Gradient Model for Surface Roughness

The gradient model was proposed by G. Gold and K. Helmreich in reference [1] below. In their approach, random variations in a rough metal surface are modeled by an assumed probability density function (PDF). The PDF describes how likely it is that the surface will be perturbed by some distance above or below its mean height (see Figure 1). Provided that these perturbations are small compared to the wavelength, their effects on a propagating signal can be averaged out. This averaging results in a spatially varying conductivity that is a function of the distance from the mean surface (see Figure 2). This conductivity can be plugged into a one-dimensional version of Maxwell’s equations which can then be solved to yield the effective surface impedance.

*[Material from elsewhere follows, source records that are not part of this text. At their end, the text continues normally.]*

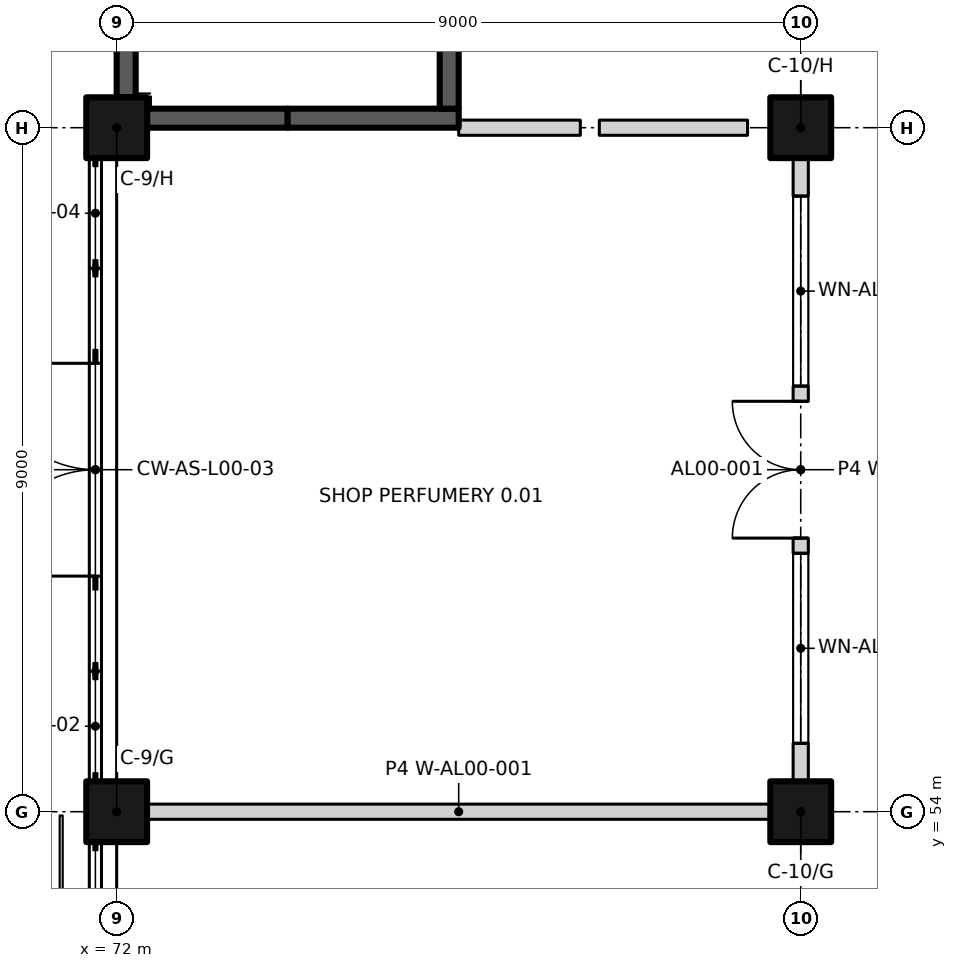
"""IFC4 building model, lengths in metres.
Left out: names, types, materials, properties, quantities, classifications, styles, units other than length and angle.
Written with IfcOpenShell. Run it as: python <this file> out.ifc"""

import sys

from ifc_helpers import new_model, si_unit, direction, frame, frame_2d, origin, origin_2d, place, context, subcontext, project, spatial, rectangle, extrude, element, fill, save


model = new_model("IFC4")
c1 = context("Model", 3, precision=1e-05, world=origin(), true_north=direction((0.0, 1.0)))
c2 = subcontext(c1, "Body", "Model", "MODEL_VIEW")
j1 = project(units=[si_unit("LENGTHUNIT", "METRE"), si_unit("PLANEANGLEUNIT", "RADIAN")], contexts=[c1])
p1 = place(None, origin())
s1 = spatial("IfcSite", under=j1, at=p1, CompositionType="ELEMENT")
p2 = place(p1, origin())
s2 = spatial("IfcBuilding", under=s1, at=p2, CompositionType="ELEMENT")
p3 = place(p2, origin())
s3 = spatial("IfcBuildingStorey", under=s2, at=p3, CompositionType="ELEMENT", Elevation=0.0)
for number, where, z_axis, x_axis in (
    (1, (72.0, 54.0, 0.0), (0.0, 0.0, 1.0), (1.0, 0.0, 0.0)),
    (2, (81.0, 54.0, 0.0), (0.0, 0.0, 1.0), (1.0, 0.0, 0.0)),
    (3, (72.0, 63.0, 0.0), (0.0, 0.0, 1.0), (1.0, 0.0, 0.0)),
    (4, (81.0, 63.0, 0.0), (0.0, 0.0, 1.0), (1.0, 0.0, 0.0)),
):
    element("IfcColumn", number, at=place(p3, frame(where, z_axis=z_axis, x_axis=x_axis)), inside=s3, PredefinedType="COLUMN", context=c2, shape_type="SweptSolid", body=[
        extrude(rectangle(XDim=0.8, YDim=0.8, at=origin_2d()), origin(), (0.0, 0.0, 1.0), 6.0),
    ])
p4 = place(p3, frame((72.4, 63.125, 0.0), z_axis=(0.0, 0.0, 1.0), x_axis=(1.0, 0.0, 0.0)))
e5 = element("IfcWall", 5, at=p4, inside=s3, PredefinedType="SHEAR", context=c2, shape_type="SweptSolid", body=[
    extrude(rectangle(XDim=1.85, YDim=0.25, at=frame_2d((0.925, 0.0))), origin(), (0.0, 0.0, 1.0), 5.7),
])
p5 = place(p3, frame((74.25, 63.125, 0.0), z_axis=(0.0, 0.0, 1.0), x_axis=(1.0, 0.0, 0.0)))
e6 = element("IfcWall", 6, at=p5, inside=s3, PredefinedType="SHEAR", context=c2, shape_type="SweptSolid", body=[
    extrude(rectangle(XDim=2.25, YDim=0.25, at=frame_2d((1.125, 0.0))), origin(), (0.0, 0.0, 1.0), 5.7),
])
p6 = place(p3, frame((72.125, 63.4, 0.0), z_axis=(0.0, 0.0, 1.0), x_axis=(0.0, 1.0, 0.0)))
e7 = element("IfcWall", 7, at=p6, inside=s3, PredefinedType="SHEAR", context=c2, shape_type="SweptSolid", body=[
    extrude(rectangle(XDim=8.2, YDim=0.25, at=frame_2d((4.1, 0.0))), origin(), (0.0, 0.0, 1.0), 5.2),
])
p7 = place(p6, frame((6.625, 0.0, 0.0)))
e8 = element("IfcOpeningElement", 8, at=p7, cuts=e7, PredefinedType="OPENING", context=c2, shape_type="SweptSolid", body=[
    extrude(rectangle(XDim=1.4, YDim=2.1, at=frame_2d((0.7, 1.05))), frame((0.0, 0.135, 0.0), z_axis=(0.0, -1.0, 0.0), x_axis=(1.0, 0.0, 0.0)), (0.0, 0.0, 1.0), 0.27),
])
p8 = place(p3, frame((76.375, 63.25, 0.0), z_axis=(0.0, 0.0, 1.0), x_axis=(0.0, 1.0, 0.0)))
e9 = element("IfcWall", 9, at=p8, inside=s3, PredefinedType="SHEAR", context=c2, shape_type="SweptSolid", body=[
    extrude(rectangle(XDim=8.5, YDim=0.25, at=frame_2d((4.25, 0.0))), origin(), (0.0, 0.0, 1.0), 5.7),
])
p9 = place(p3, frame((71.72, 57.03, 0.0), z_axis=(0.0, 0.0, 1.0), x_axis=(0.0, 1.0, 0.0)))
e10 = element("IfcWall", 10, at=p9, inside=s3, PredefinedType="STANDARD", context=c2, shape_type="SweptSolid", body=[
    extrude(rectangle(XDim=2.94, YDim=0.12, at=frame_2d((1.47, 0.0))), origin(), (0.0, 0.0, 1.0), 2.97),
])
p10 = place(p9, frame((0.07, 0.0, 0.0)))
e11 = element("IfcOpeningElement", 11, at=p10, cuts=e10, PredefinedType="OPENING", context=c2, shape_type="SweptSolid", body=[
    extrude(rectangle(XDim=2.8, YDim=2.4, at=frame_2d((1.4, 1.2))), frame((0.0, 0.07, 0.0), z_axis=(0.0, -1.0, 0.0), x_axis=(1.0, 0.0, 0.0)), (0.0, 0.0, 1.0), 0.14),
])
p11 = place(p3, frame((72.4, 54.0, 0.0), z_axis=(0.0, 0.0, 1.0), x_axis=(1.0, 0.0, 0.0)))
e12 = element("IfcWall", 12, at=p11, inside=s3, PredefinedType="PARTITIONING", context=c2, shape_type="SweptSolid", body=[
    extrude(rectangle(XDim=8.2, YDim=0.2, at=frame_2d((4.1, 0.0))), origin(), (0.0, 0.0, 1.0), 5.65),
])
p12 = place(p3, frame((81.0, 54.4, 0.0), z_axis=(0.0, 0.0, 1.0), x_axis=(0.0, 1.0, 0.0)))
e13 = element("IfcWall", 13, at=p12, inside=s3, PredefinedType="PARTITIONING", context=c2, shape_type="SweptSolid", body=[
    extrude(rectangle(XDim=8.2, YDim=0.2, at=frame_2d((4.1, 0.0))), origin(), (0.0, 0.0, 1.0), 5.2),
])
p13 = place(p12, frame((3.2, 0.0, 0.0)))
e14 = element("IfcOpeningElement", 14, at=p13, cuts=e13, PredefinedType="OPENING", context=c2, shape_type="SweptSolid", body=[
    extrude(rectangle(XDim=1.8, YDim=2.1, at=frame_2d((0.9, 1.05))), frame((0.0, 0.11, 0.0), z_axis=(0.0, -1.0, 0.0), x_axis=(1.0, 0.0, 0.0)), (0.0, 0.0, 1.0), 0.22),
])
p14 = place(p12, frame((0.5, 0.0, 0.15)))
e15 = element("IfcOpeningElement", 15, at=p14, cuts=e13, PredefinedType="OPENING", context=c2, shape_type="SweptSolid", body=[
    extrude(rectangle(XDim=2.5, YDim=2.4, at=frame_2d((1.25, 1.2))), frame((0.0, 0.11, 0.0), z_axis=(0.0, -1.0, 0.0), x_axis=(1.0, 0.0, 0.0)), (0.0, 0.0, 1.0), 0.22),
])
p15 = place(p12, frame((5.2, 0.0, 0.15)))
e16 = element("IfcOpeningElement", 16, at=p15, cuts=e13, PredefinedType="OPENING", context=c2, shape_type="SweptSolid", body=[
    extrude(rectangle(XDim=2.5, YDim=2.4, at=frame_2d((1.25, 1.2))), frame((0.0, 0.11, 0.0), z_axis=(0.0, -1.0, 0.0), x_axis=(1.0, 0.0, 0.0)), (0.0, 0.0, 1.0), 0.22),
])
p16 = place(p3, frame((76.5, 63.0, 0.0), z_axis=(0.0, 0.0, 1.0), x_axis=(1.0, 0.0, 0.0)))
e17 = element("IfcWall", 17, at=p16, inside=s3, PredefinedType="PARTITIONING", context=c2, shape_type="SweptSolid", body=[
    extrude(rectangle(XDim=1.6, YDim=0.2, at=frame_2d((0.8, 0.0))), origin(), (0.0, 0.0, 1.0), 5.65),
])
p17 = place(p3, frame((78.35, 63.0, 0.0), z_axis=(0.0, 0.0, 1.0), x_axis=(1.0, 0.0, 0.0)))
e18 = element("IfcWall", 18, at=p17, inside=s3, PredefinedType="PARTITIONING", context=c2, shape_type="SweptSolid", body=[
    extrude(rectangle(XDim=1.95, YDim=0.2, at=frame_2d((0.975, 0.0))), origin(), (0.0, 0.0, 1.0), 5.65),
])
p18 = place(p10, origin())
e19 = element("IfcDoor", 19, at=p18, inside=s3, OperationType="DOUBLE_DOOR_SINGLE_SWING", PredefinedType="DOOR", context=c2, shape_type="SweptSolid", body=[
    extrude(rectangle(XDim=2.8, YDim=2.4, at=frame_2d((1.4, 1.2))), frame((0.0, 0.025, 0.0), z_axis=(0.0, -1.0, 0.0), x_axis=(1.0, 0.0, 0.0)), (0.0, 0.0, 1.0), 0.05),
])
fill(e11, e19)
p19 = place(p13, origin())
e20 = element("IfcDoor", 20, at=p19, inside=s3, OperationType="DOUBLE_DOOR_SINGLE_SWING", PredefinedType="DOOR", context=c2, shape_type="SweptSolid", body=[
    extrude(rectangle(XDim=1.8, YDim=2.1, at=frame_2d((0.9, 1.05))), frame((0.0, 0.025, 0.0), z_axis=(0.0, -1.0, 0.0), x_axis=(1.0, 0.0, 0.0)), (0.0, 0.0, 1.0), 0.05),
])
fill(e14, e20)
p20 = place(p14, origin())
e21 = element("IfcWindow", 21, at=p20, inside=s3, PartitioningType="SINGLE_PANEL", PredefinedType="WINDOW", context=c2, shape_type="SweptSolid", body=[
    extrude(rectangle(XDim=2.5, YDim=2.4, at=frame_2d((1.25, 1.2))), frame((0.0, 0.03, 0.0), z_axis=(0.0, -1.0, 0.0), x_axis=(1.0, 0.0, 0.0)), (0.0, 0.0, 1.0), 0.06),
])
fill(e15, e21)
p21 = place(p15, origin())
e22 = element("IfcWindow", 22, at=p21, inside=s3, PartitioningType="SINGLE_PANEL", PredefinedType="WINDOW", context=c2, shape_type="SweptSolid", body=[
    extrude(rectangle(XDim=2.5, YDim=2.4, at=frame_2d((1.25, 1.2))), frame((0.0, 0.03, 0.0), z_axis=(0.0, -1.0, 0.0), x_axis=(1.0, 0.0, 0.0)), (0.0, 0.0, 1.0), 0.06),
])
fill(e16, e22)
save(model, sys.argv[1])

Figure 1: A Rough Suface described with a Gaussian Probability Density Function

Figure 2: The Spatially Varying Conductivity, σ(x) obtained by averaging the PDF.

An advantage of this approach is that the PDF can usually be characterized by a single parameter, the RMS roughness. This is convenient because the RMS roughness is typically measured by manufacturers and reported on their data sheets.

The gradient model in HFSS supports two types of PDF: Gaussian and Rayleigh. The Gaussian PDF is suitable for a low-profile conductor. The Rayleigh model produces somewhat higher losses and may be more appropriate for a high-profile conductor (see reference [2] below).

References

[1] G. Gold and K. Helmreich, “A physical surface roughness model and its applications,” IEEE Trans. on Microwave Theory and Techniques, vol. 65, no. 10, Oct. 2017.

[2] D. N. Grujic “Simple and accurate approximation of rough conductor surface impedance,” IEEE Trans. on Microwave Theory and Techniques, vol. 70, no. 4, April 2022.